Let’s kick off this article with a scenario. Say we are to send a message to someone named Max. Now, the message that Max will receive must be the identical message that we sent him and is not tampered with during transit. How can we achieve that? For example, if we are going to cash a cheque in real life, the bank needs to be sure that the cheque is authentic. And how do you prove it? You sign it, and they verify against your previously-stored signature. Here also, we use the same trick. We attach a piece of extra information with the document that is called a digital signature.
A digital signature is a cryptographic hash created for a message that is then encrypted along with the entire message to authenticate a digital message or document.
So, What Is a ‘hash’ Anyway?
A hash is a unique, fixed-length string called hash value or message digest obtained by compressing a message or a document by passing it through a mathematical function called a hash function.
When the message reaches the receiver, he/she can decrypt the message, hash the message’s contents using the same hash function, and then compare that hash with the digital signature to authenticate.
You might sometimes confuse between hashing and encryption. The difference is that encryption can be reversed to get the original message (decryption), but a hash can never be reversed.
A Bit of History
Secure Hash Algorithms (SHA) are a family of cryptographic hash functions developed by the National Institute of Standards and Technology (NIST)1 along with NSA, previously released as a U.S. Federal Information Processing Standard (FIPS) later in 1995; it was named as SHA. It includes four algorithms:
- SHA0
- SHA1
- SHA2
- SHA3
A typical application of SHA is to encrypt passwords. SHAs show an effect called the avalanche effect. Whenever a small part of the message is changed, the hash value changes drastically. This way, an attacker can’t get any helpful information about the original message using the hash value.
SHA1
SHA0 was a retronym of the original version of a 160-bit hash function called SHA, published in 1993, withdrawn shortly after being issued due to significant flaws. After which came SHA1, a 160-bit or 20-byte hash function, meaning the output was 160 bit long. It is not considered very secure, but many newer hashing algorithms work similarly. So let’s quickly dive in and understand how it works internally.
Working of SHA1
The working of SHA1 is rather interesting. Imagine we have a black box that takes 512 bits of information and gives five 32 bits values. This process goes on and on until the entire message has gone through the box. Finally, the five 32 bits values returned by the box (that is 160 bit) is your hash value. This is how SHA1 works.

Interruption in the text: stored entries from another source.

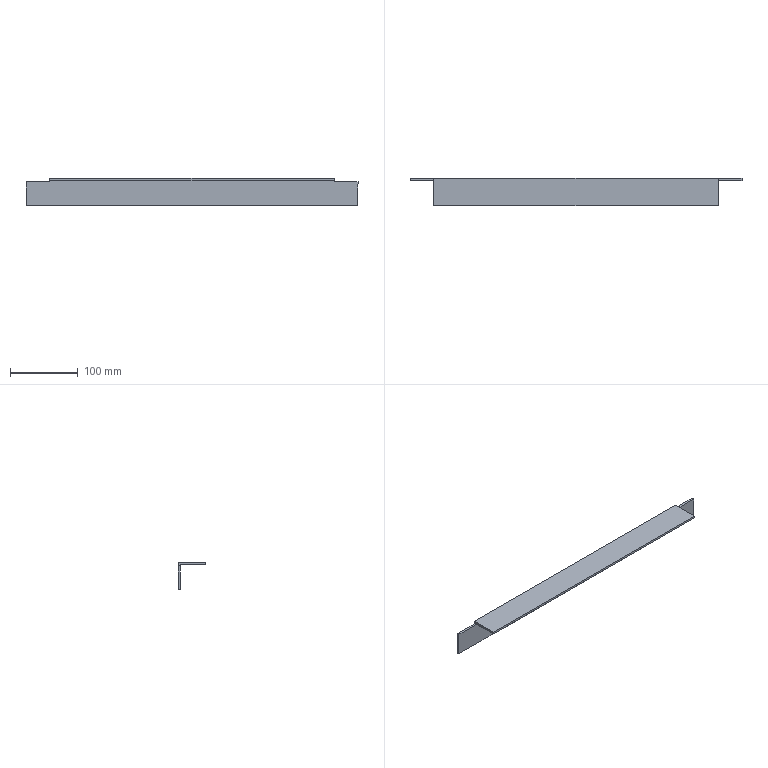Component | SolidWorks | LX-TSJ-13-1 | 1 solid | 12 faces | box 490 x 40 x 40 mm | volume 104370 mm3 | plane 12
STEP:
#1=COLOUR_RGB('',0.7922,0.8196,0.9333);
#2=FILL_AREA_STYLE_COLOUR('',#1);
#3=FILL_AREA_STYLE('',(#2));
#4=SURFACE_STYLE_FILL_AREA(#3);
#5=SURFACE_SIDE_STYLE('',(#4));
#6=SURFACE_STYLE_USAGE(.BOTH.,#5);
#7=PRESENTATION_STYLE_ASSIGNMENT((#6));
#8=CARTESIAN_POINT('',(2.637,-23.56,-6.468));
#9=VERTEX_POINT('',#8);
#10=CARTESIAN_POINT('',(-13.899,-23.56,-6.468));
#11=VERTEX_POINT('',#10);
#12=CARTESIAN_POINT('',(-15.276,-23.56,-6.468));
#13=DIRECTION('',(-1.,0.,0.));
#14=VECTOR('',#13,39.37);
#15=LINE('',#12,#14);
#16=EDGE_CURVE('',#9,#11,#15,.T.);
#17=ORIENTED_EDGE('',*,*,#16,.F.);
#18=CARTESIAN_POINT('',(2.637,-23.56,-6.665));
#19=VERTEX_POINT('',#18);
#20=CARTESIAN_POINT('',(2.637,-23.56,-8.043));
#21=DIRECTION('',(0.,0.,1.));
#22=VECTOR('',#21,39.37);
#23=LINE('',#20,#22);
#24=EDGE_CURVE('',#19,#9,#23,.T.);
#25=ORIENTED_EDGE('',*,*,#24,.F.);
#26=CARTESIAN_POINT('',(4.015,-23.56,-6.665));
#27=VERTEX_POINT('',#26);
#28=CARTESIAN_POINT('',(-15.276,-23.56,-6.665));
#29=DIRECTION('',(-1.,0.,0.));
#30=VECTOR('',#29,39.37);
#31=LINE('',#28,#30);
#32=EDGE_CURVE('',#27,#19,#31,.T.);
#33=ORIENTED_EDGE('',*,*,#32,.F.);
#34=CARTESIAN_POINT('',(4.015,-23.56,-8.043));
#35=VERTEX_POINT('',#34);
#36=CARTESIAN_POINT('',(4.015,-23.56,-8.043));
#37=DIRECTION('',(0.,0.,1.));
#38=VECTOR('',#37,39.37);
#39=LINE('',#36,#38);
#40=EDGE_CURVE('',#35,#27,#39,.T.);
#41=ORIENTED_EDGE('',*,*,#40,.F.);
#42=CARTESIAN_POINT('',(-15.276,-23.56,-8.043));
#43=VERTEX_POINT('',#42);
#44=CARTESIAN_POINT('',(-15.276,-23.56,-8.043));
#45=DIRECTION('',(1.,0.,-0.));
#46=VECTOR('',#45,39.37);
#47=LINE('',#44,#46);
#48=EDGE_CURVE('',#43,#35,#47,.T.);
#49=ORIENTED_EDGE('',*,*,#48,.F.);
#50=CARTESIAN_POINT('',(-15.276,-23.56,-6.665));
#51=VERTEX_POINT('',#50);
#52=CARTESIAN_POINT('',(-15.276,-23.56,-8.043));
#53=DIRECTION('',(-0.,0.,-1.));
#54=VECTOR('',#53,39.37);
#55=LINE('',#52,#54);
#56=EDGE_CURVE('',#51,#43,#55,.T.);
#57=ORIENTED_EDGE('',*,*,#56,.F.);
#58=CARTESIAN_POINT('',(-13.899,-23.56,-6.665));
#59=VERTEX_POINT('',#58);
#60=CARTESIAN_POINT('',(-15.276,-23.56,-6.665));
#61=DIRECTION('',(-1.,0.,0.));
#62=VECTOR('',#61,39.37);
#63=LINE('',#60,#62);
#64=EDGE_CURVE('',#59,#51,#63,.T.);
#65=ORIENTED_EDGE('',*,*,#64,.F.);
#66=CARTESIAN_POINT('',(-13.899,-23.56,-8.043));
#67=DIRECTION('',(-0.,0.,-1.));
#68=VECTOR('',#67,39.37);
#69=LINE('',#66,#68);
#70=EDGE_CURVE('',#11,#59,#69,.T.);
#71=ORIENTED_EDGE('',*,*,#70,.F.);
#72=EDGE_LOOP('',(#17,#25,#33,#41,#49,#57,#65,#71));
#73=FACE_OUTER_BOUND('',#72,.T.);
#74=CARTESIAN_POINT('',(-15.276,-23.56,-8.043));
#75=DIRECTION('',(0.,-1.,0.));
#76=DIRECTION('',(1.,0.,-0.));
#77=AXIS2_PLACEMENT_3D('',#74,#75,#76);
#78=PLANE('',#77);
#79=ADVANCED_FACE('',(#73),#78,.F.);
#80=ORIENTED_EDGE('',*,*,#16,.T.);
#81=CARTESIAN_POINT('',(-13.899,-25.134,-6.468));
#82=VERTEX_POINT('',#81);
#83=CARTESIAN_POINT('',(-13.899,-23.56,-6.468));
#84=DIRECTION('',(0.,1.,0.));
#85=VECTOR('',#84,39.37);
#86=LINE('',#83,#85);
#87=EDGE_CURVE('',#82,#11,#86,.T.);
#88=ORIENTED_EDGE('',*,*,#87,.F.);
#89=CARTESIAN_POINT('',(2.637,-25.134,-6.468));
#90=VERTEX_POINT('',#89);
#91=CARTESIAN_POINT('',(-15.276,-25.134,-6.468));
#92=DIRECTION('',(-1.,0.,0.));
#93=VECTOR('',#92,39.37);
#94=LINE('',#91,#93);
#95=EDGE_CURVE('',#90,#82,#94,.T.);
#96=ORIENTED_EDGE('',*,*,#95,.F.);
#97=CARTESIAN_POINT('',(2.637,-23.56,-6.468));
#98=DIRECTION('',(0.,-1.,0.));
#99=VECTOR('',#98,39.37);
#100=LINE('',#97,#99);
#101=EDGE_CURVE('',#9,#90,#100,.T.);
#102=ORIENTED_EDGE('',*,*,#101,.F.);
#103=EDGE_LOOP('',(#80,#88,#96,#102));
#104=FACE_OUTER_BOUND('',#103,.T.);
#105=CARTESIAN_POINT('',(-15.276,-23.56,-6.468));
#106=DIRECTION('',(-0.,0.,-1.));
#107=DIRECTION('',(-1.,0.,0.));
#108=AXIS2_PLACEMENT_3D('',#105,#106,#107);
#109=PLANE('',#108);
#110=ADVANCED_FACE('',(#104),#109,.F.);
#111=ORIENTED_EDGE('',*,*,#101,.T.);
#112=CARTESIAN_POINT('',(2.637,-25.134,-6.587));
#113=VERTEX_POINT('',#112);
#114=CARTESIAN_POINT('',(2.637,-25.134,-6.665));
#115=DIRECTION('',(0.,0.,1.));
#116=VECTOR('',#115,39.37);
#117=LINE('',#114,#116);
#118=EDGE_CURVE('',#113,#90,#117,.T.);
#119=ORIENTED_EDGE('',*,*,#118,.F.);
#120=CARTESIAN_POINT('',(2.637,-23.678,-6.587));
#121=VERTEX_POINT('',#120);
#122=CARTESIAN_POINT('',(2.637,-25.134,-6.587));
#123=DIRECTION('',(0.,-1.,0.));
#124=VECTOR('',#123,39.37);
#125=LINE('',#122,#124);
#126=EDGE_CURVE('',#121,#113,#125,.T.);
#127=ORIENTED_EDGE('',*,*,#126,.F.);
#128=CARTESIAN_POINT('',(2.637,-23.678,-6.665));
#129=VERTEX_POINT('',#128);
#130=CARTESIAN_POINT('',(2.637,-23.678,-6.665));
#131=DIRECTION('',(0.,0.,1.));
#132=VECTOR('',#131,39.37);
#133=LINE('',#130,#132);
#134=EDGE_CURVE('',#129,#121,#133,.T.);
#135=ORIENTED_EDGE('',*,*,#134,.F.);
#136=CARTESIAN_POINT('',(2.637,-25.134,-6.665));
#137=DIRECTION('',(0.,-1.,0.));
#138=VECTOR('',#137,39.37);
#139=LINE('',#136,#138);
#140=EDGE_CURVE('',#19,#129,#139,.T.);
#141=ORIENTED_EDGE('',*,*,#140,.F.);
#142=ORIENTED_EDGE('',*,*,#24,.T.);
#143=EDGE_LOOP('',(#111,#119,#127,#135,#141,#142));
#144=FACE_OUTER_BOUND('',#143,.T.);
#145=CARTESIAN_POINT('',(2.637,-25.134,-6.665));
#146=DIRECTION('',(-1.,0.,0.));
#147=DIRECTION('',(0.,0.,1.));
#148=AXIS2_PLACEMENT_3D('',#145,#146,#147);
#149=PLANE('',#148);
#150=ADVANCED_FACE('',(#144),#149,.F.);
#151=ORIENTED_EDGE('',*,*,#32,.T.);
#152=ORIENTED_EDGE('',*,*,#140,.T.);
#153=CARTESIAN_POINT('',(4.015,-23.678,-6.665));
#154=VERTEX_POINT('',#153);
#155=CARTESIAN_POINT('',(4.015,-23.678,-6.665));
#156=DIRECTION('',(1.,0.,-0.));
#157=VECTOR('',#156,39.37);
#158=LINE('',#155,#157);
#159=EDGE_CURVE('',#129,#154,#158,.T.);
#160=ORIENTED_EDGE('',*,*,#159,.T.);
#161=CARTESIAN_POINT('',(4.015,-23.56,-6.665));
#162=DIRECTION('',(0.,1.,0.));
#163=VECTOR('',#162,39.37);
#164=LINE('',#161,#163);
#165=EDGE_CURVE('',#154,#27,#164,.T.);
#166=ORIENTED_EDGE('',*,*,#165,.T.);
#167=EDGE_LOOP('',(#151,#152,#160,#166));
#168=FACE_OUTER_BOUND('',#167,.T.);
#169=CARTESIAN_POINT('',(4.015,-23.56,-6.665));
#170=DIRECTION('',(0.,0.,1.));
#171=DIRECTION('',(1.,0.,-0.));
#172=AXIS2_PLACEMENT_3D('',#169,#170,#171);
#173=PLANE('',#172);
#174=ADVANCED_FACE('',(#168),#173,.T.);
#175=CARTESIAN_POINT('',(4.015,-23.678,-8.043));
#176=VERTEX_POINT('',#175);
#177=CARTESIAN_POINT('',(4.015,-23.678,-8.043));
#178=DIRECTION('',(0.,0.,1.));
#179=VECTOR('',#178,39.37);
#180=LINE('',#177,#179);
#181=EDGE_CURVE('',#176,#154,#180,.T.);
#182=ORIENTED_EDGE('',*,*,#181,.F.);
#183=CARTESIAN_POINT('',(4.015,-23.56,-8.043));
#184=DIRECTION('',(0.,-1.,0.));
#185=VECTOR('',#184,39.37);
#186=LINE('',#183,#185);
#187=EDGE_CURVE('',#35,#176,#186,.T.);
#188=ORIENTED_EDGE('',*,*,#187,.F.);
#189=ORIENTED_EDGE('',*,*,#40,.T.);
#190=ORIENTED_EDGE('',*,*,#165,.F.);
#191=EDGE_LOOP('',(#182,#188,#189,#190));
#192=FACE_OUTER_BOUND('',#191,.T.);
#193=CARTESIAN_POINT('',(4.015,-23.56,-8.043));
#194=DIRECTION('',(-1.,0.,0.));
#195=DIRECTION('',(0.,0.,1.));
#196=AXIS2_PLACEMENT_3D('',#193,#194,#195);
#197=PLANE('',#196);
#198=ADVANCED_FACE('',(#192),#197,.F.);
#199=CARTESIAN_POINT('',(-15.276,-23.678,-8.043));
#200=VERTEX_POINT('',#199);
#201=CARTESIAN_POINT('',(-15.276,-23.678,-8.043));
#202=DIRECTION('',(1.,0.,-0.));
#203=VECTOR('',#202,39.37);
#204=LINE('',#201,#203);
#205=EDGE_CURVE('',#200,#176,#204,.T.);
#206=ORIENTED_EDGE('',*,*,#205,.F.);
#207=CARTESIAN_POINT('',(-15.276,-23.56,-8.043));
#208=DIRECTION('',(0.,-1.,0.));
#209=VECTOR('',#208,39.37);
#210=LINE('',#207,#209);
#211=EDGE_CURVE('',#43,#200,#210,.T.);
#212=ORIENTED_EDGE('',*,*,#211,.F.);
#213=ORIENTED_EDGE('',*,*,#48,.T.);
#214=ORIENTED_EDGE('',*,*,#187,.T.);
#215=EDGE_LOOP('',(#206,#212,#213,#214));
#216=FACE_OUTER_BOUND('',#215,.T.);
#217=CARTESIAN_POINT('',(-15.276,-23.56,-8.043));
#218=DIRECTION('',(0.,0.,1.));
#219=DIRECTION('',(1.,0.,-0.));
#220=AXIS2_PLACEMENT_3D('',#217,#218,#219);
#221=PLANE('',#220);
#222=ADVANCED_FACE('',(#216),#221,.F.);
#223=ORIENTED_EDGE('',*,*,#211,.T.);
#224=CARTESIAN_POINT('',(-15.276,-23.678,-6.665));
#225=VERTEX_POINT('',#224);
#226=CARTESIAN_POINT('',(-15.276,-23.678,-8.043));
#227=DIRECTION('',(0.,0.,1.));
#228=VECTOR('',#227,39.37);
#229=LINE('',#226,#228);
#230=EDGE_CURVE('',#200,#225,#229,.T.);
#231=ORIENTED_EDGE('',*,*,#230,.T.);
#232=CARTESIAN_POINT('',(-15.276,-23.56,-6.665));
#233=DIRECTION('',(0.,1.,0.));
#234=VECTOR('',#233,39.37);
#235=LINE('',#232,#234);
#236=EDGE_CURVE('',#225,#51,#235,.T.);
#237=ORIENTED_EDGE('',*,*,#236,.T.);
#238=ORIENTED_EDGE('',*,*,#56,.T.);
#239=EDGE_LOOP('',(#223,#231,#237,#238));
#240=FACE_OUTER_BOUND('',#239,.T.);
#241=CARTESIAN_POINT('',(-15.276,-23.56,-8.043));
#242=DIRECTION('',(-1.,0.,0.));
#243=DIRECTION('',(0.,0.,1.));
#244=AXIS2_PLACEMENT_3D('',#241,#242,#243);
#245=PLANE('',#244);
#246=ADVANCED_FACE('',(#240),#245,.T.);
#247=ORIENTED_EDGE('',*,*,#64,.T.);
#248=ORIENTED_EDGE('',*,*,#236,.F.);
#249=CARTESIAN_POINT('',(-13.899,-23.678,-6.665));
#250=VERTEX_POINT('',#249);
#251=CARTESIAN_POINT('',(4.015,-23.678,-6.665));
#252=DIRECTION('',(-1.,0.,0.));
#253=VECTOR('',#252,39.37);
#254=LINE('',#251,#253);
#255=EDGE_CURVE('',#250,#225,#254,.T.);
#256=ORIENTED_EDGE('',*,*,#255,.F.);
#257=CARTESIAN_POINT('',(-13.899,-23.56,-6.665));
#258=DIRECTION('',(0.,-1.,0.));
#259=VECTOR('',#258,39.37);
#260=LINE('',#257,#259);
#261=EDGE_CURVE('',#59,#250,#260,.T.);
#262=ORIENTED_EDGE('',*,*,#261,.F.);
#263=EDGE_LOOP('',(#247,#248,#256,#262));
#264=FACE_OUTER_BOUND('',#263,.T.);
#265=CARTESIAN_POINT('',(4.015,-23.56,-6.665));
#266=DIRECTION('',(-0.,0.,-1.));
#267=DIRECTION('',(-1.,0.,0.));
#268=AXIS2_PLACEMENT_3D('',#265,#266,#267);
#269=PLANE('',#268);
#270=ADVANCED_FACE('',(#264),#269,.F.);
#271=CARTESIAN_POINT('',(-13.899,-23.678,-6.587));
#272=VERTEX_POINT('',#271);
#273=CARTESIAN_POINT('',(-13.899,-23.678,-6.665));
#274=DIRECTION('',(-0.,0.,-1.));
#275=VECTOR('',#274,39.37);
#276=LINE('',#273,#275);
#277=EDGE_CURVE('',#272,#250,#276,.T.);
#278=ORIENTED_EDGE('',*,*,#277,.F.);
#279=CARTESIAN_POINT('',(-13.899,-25.134,-6.587));
#280=VERTEX_POINT('',#279);
#281=CARTESIAN_POINT('',(-13.899,-25.134,-6.587));
#282=DIRECTION('',(0.,1.,0.));
#283=VECTOR('',#282,39.37);
#284=LINE('',#281,#283);
#285=EDGE_CURVE('',#280,#272,#284,.T.);
#286=ORIENTED_EDGE('',*,*,#285,.F.);
#287=CARTESIAN_POINT('',(-13.899,-25.134,-6.665));
#288=DIRECTION('',(-0.,0.,-1.));
#289=VECTOR('',#288,39.37);
#290=LINE('',#287,#289);
#291=EDGE_CURVE('',#82,#280,#290,.T.);
#292=ORIENTED_EDGE('',*,*,#291,.F.);
#293=ORIENTED_EDGE('',*,*,#87,.T.);
#294=ORIENTED_EDGE('',*,*,#70,.T.);
#295=ORIENTED_EDGE('',*,*,#261,.T.);
#296=EDGE_LOOP('',(#278,#286,#292,#293,#294,#295));
#297=FACE_OUTER_BOUND('',#296,.T.);
#298=CARTESIAN_POINT('',(-13.899,-25.134,-6.665));
#299=DIRECTION('',(1.,0.,-0.));
#300=DIRECTION('',(-0.,0.,-1.));
#301=AXIS2_PLACEMENT_3D('',#298,#299,#300);
#302=PLANE('',#301);
#303=ADVANCED_FACE('',(#297),#302,.F.);
#304=ORIENTED_EDGE('',*,*,#118,.T.);
#305=ORIENTED_EDGE('',*,*,#95,.T.);
#306=ORIENTED_EDGE('',*,*,#291,.T.);
#307=CARTESIAN_POINT('',(-15.276,-25.134,-6.587));
#308=DIRECTION('',(-1.,0.,0.));
#309=VECTOR('',#308,39.37);
#310=LINE('',#307,#309);
#311=EDGE_CURVE('',#113,#280,#310,.T.);
#312=ORIENTED_EDGE('',*,*,#311,.F.);
#313=EDGE_LOOP('',(#304,#305,#306,#312));
#314=FACE_OUTER_BOUND('',#313,.T.);
#315=CARTESIAN_POINT('',(-15.276,-25.134,-6.587));
#316=DIRECTION('',(0.,1.,0.));
#317=DIRECTION('',(-1.,0.,0.));
#318=AXIS2_PLACEMENT_3D('',#315,#316,#317);
#319=PLANE('',#318);
#320=ADVANCED_FACE('',(#314),#319,.F.);
#321=ORIENTED_EDGE('',*,*,#126,.T.);
#322=ORIENTED_EDGE('',*,*,#311,.T.);
#323=ORIENTED_EDGE('',*,*,#285,.T.);
#324=CARTESIAN_POINT('',(-15.276,-23.678,-6.587));
#325=DIRECTION('',(-1.,0.,0.));
#326=VECTOR('',#325,39.37);
#327=LINE('',#324,#326);
#328=EDGE_CURVE('',#121,#272,#327,.T.);
#329=ORIENTED_EDGE('',*,*,#328,.F.);
#330=EDGE_LOOP('',(#321,#322,#323,#329));
#331=FACE_OUTER_BOUND('',#330,.T.);
#332=CARTESIAN_POINT('',(-15.276,-23.678,-6.587));
#333=DIRECTION('',(0.,0.,1.));
#334=DIRECTION('',(1.,0.,-0.));
#335=AXIS2_PLACEMENT_3D('',#332,#333,#334);
#336=PLANE('',#335);
#337=ADVANCED_FACE('',(#331),#336,.F.);
#338=ORIENTED_EDGE('',*,*,#134,.T.);
#339=ORIENTED_EDGE('',*,*,#328,.T.);
#340=ORIENTED_EDGE('',*,*,#277,.T.);
#341=ORIENTED_EDGE('',*,*,#255,.T.);
#342=ORIENTED_EDGE('',*,*,#230,.F.);
#343=ORIENTED_EDGE('',*,*,#205,.T.);
#344=ORIENTED_EDGE('',*,*,#181,.T.);
#345=ORIENTED_EDGE('',*,*,#159,.F.);
#346=EDGE_LOOP('',(#338,#339,#340,#341,#342,#343,#344,#345));
#347=FACE_OUTER_BOUND('',#346,.T.);
#348=CARTESIAN_POINT('',(-15.276,-23.678,-8.043));
#349=DIRECTION('',(0.,1.,0.));
#350=DIRECTION('',(-1.,0.,0.));
#351=AXIS2_PLACEMENT_3D('',#348,#349,#350);
#352=PLANE('',#351);
#353=ADVANCED_FACE('',(#347),#352,.F.);
#354=CLOSED_SHELL('',(#79,#110,#150,#174,#198,#222,#246,#270,#303,#320,#337,#353));
#355=MANIFOLD_SOLID_BREP('',#354);
#356=STYLED_ITEM('',(#7),#355);
#357=(LENGTH_UNIT()NAMED_UNIT(*)SI_UNIT($,.METRE.));
#358=LENGTH_MEASURE_WITH_UNIT(LENGTH_MEASURE(0.0254),#357);
#359=DIMENSIONAL_EXPONENTS(1.,0.,0.,0.,0.,0.,0.);
#360=(CONVERSION_BASED_UNIT('',#358)LENGTH_UNIT()NAMED_UNIT(#359));
#361=UNCERTAINTY_MEASURE_WITH_UNIT(LENGTH_MEASURE(0.00001),#360,'','');
#362=(NAMED_UNIT(*)PLANE_ANGLE_UNIT()SI_UNIT($,.RADIAN.));
#363=(NAMED_UNIT(*)SI_UNIT($,.STERADIAN.)SOLID_ANGLE_UNIT());
#364=(GEOMETRIC_REPRESENTATION_CONTEXT(3)GLOBAL_UNCERTAINTY_ASSIGNED_CONTEXT((#361))GLOBAL_UNIT_ASSIGNED_CONTEXT((#360,#362,#363))REPRESENTATION_CONTEXT('',''));
#365=MECHANICAL_DESIGN_GEOMETRIC_PRESENTATION_REPRESENTATION('',(#356),#364);
#366=PRESENTATION_LAYER_ASSIGNMENT('','',(#356));
#367=CARTESIAN_POINT('',(0.,0.,0.));
#368=DIRECTION('',(0.,0.,1.));
#369=DIRECTION('',(1.,0.,0.));
#370=AXIS2_PLACEMENT_3D('',#367,#368,#369);
#371=(LENGTH_UNIT()NAMED_UNIT(*)SI_UNIT($,.METRE.));
#372=LENGTH_MEASURE_WITH_UNIT(LENGTH_MEASURE(0.0254),#371);
#373=DIMENSIONAL_EXPONENTS(1.,0.,0.,0.,0.,0.,0.);
#374=(CONVERSION_BASED_UNIT('',#372)LENGTH_UNIT()NAMED_UNIT(#373));
#375=UNCERTAINTY_MEASURE_WITH_UNIT(LENGTH_MEASURE(0.00001),#374,'','');
#376=(NAMED_UNIT(*)PLANE_ANGLE_UNIT()SI_UNIT($,.RADIAN.));
#377=(NAMED_UNIT(*)SI_UNIT($,.STERADIAN.)SOLID_ANGLE_UNIT());
#378=(GEOMETRIC_REPRESENTATION_CONTEXT(3)GLOBAL_UNCERTAINTY_ASSIGNED_CONTEXT((#375))GLOBAL_UNIT_ASSIGNED_CONTEXT((#374,#376,#377))REPRESENTATION_CONTEXT('',''));
#379=ADVANCED_BREP_SHAPE_REPRESENTATION('',(#355,#370),#378);

Suppose we are trying to hash the string batoi
. This string, batoi
in binary, is
01110000 01101000 01111001 01110100 01101111 01101111 01101110
(56 bits).
First, we will generate five random 32 bits values. These values are called the initial internal state of the algorithm.
- H0 = 01100111 11011110 00101010 00000001
- H1 = 10111011 00000011 11100010 10001100
- H2 = 00000001 00011110 11110001 11011100
- H3 = 10010010 10010011 11101001 11100010
- H4 = 11001101 11101111 00100011 10101001
After this, the next step will be to pad this string batoi
to 512 bits as we saw that SHA1 expects 512 bits at a time. Padding is done by adding a 1
and then adding enough 0
s to make the string 448 bits. Finally, the last 64 bits are used to represent the original length of the string.
Since our string length was already less than 512 bits, we can now directly pass it to the hash function. If the string was longer, say 5000 bits. It would be broken down into chunks of 512 bits and then passed through the hash function one by one.
We will not get into the actual hash function because mathematics can be hard to understand. After the 512-bit chunk is passed to the hash function, the internal state,i.e., the five H values we chose initially, will change. And it will keep on changing every time a new chunk comes.
Finally, the combination of the five H values will give us the resultant hash value.
Other Hash Algorithms of SHA Family
As we have mentioned earlier, the SHA1 was not the most secure algorithm. Thus, more algorithms were produced due to increasing numbers and levels of vulnerabilities.
SHA2 consists of two identical hash functions called SHA-512 and SHA-256, which consist of differently sized block sizes. Different truncated versions of these hash functions include SHA-224, SHA-384, SHA-512/224, and SHA-512/256.
SHA3 uses a hash function called Keccak2. NIST released it in 2005. It supports the same hash lengths as SHA2, and its internal structure differs significantly from the rest of the SHA family.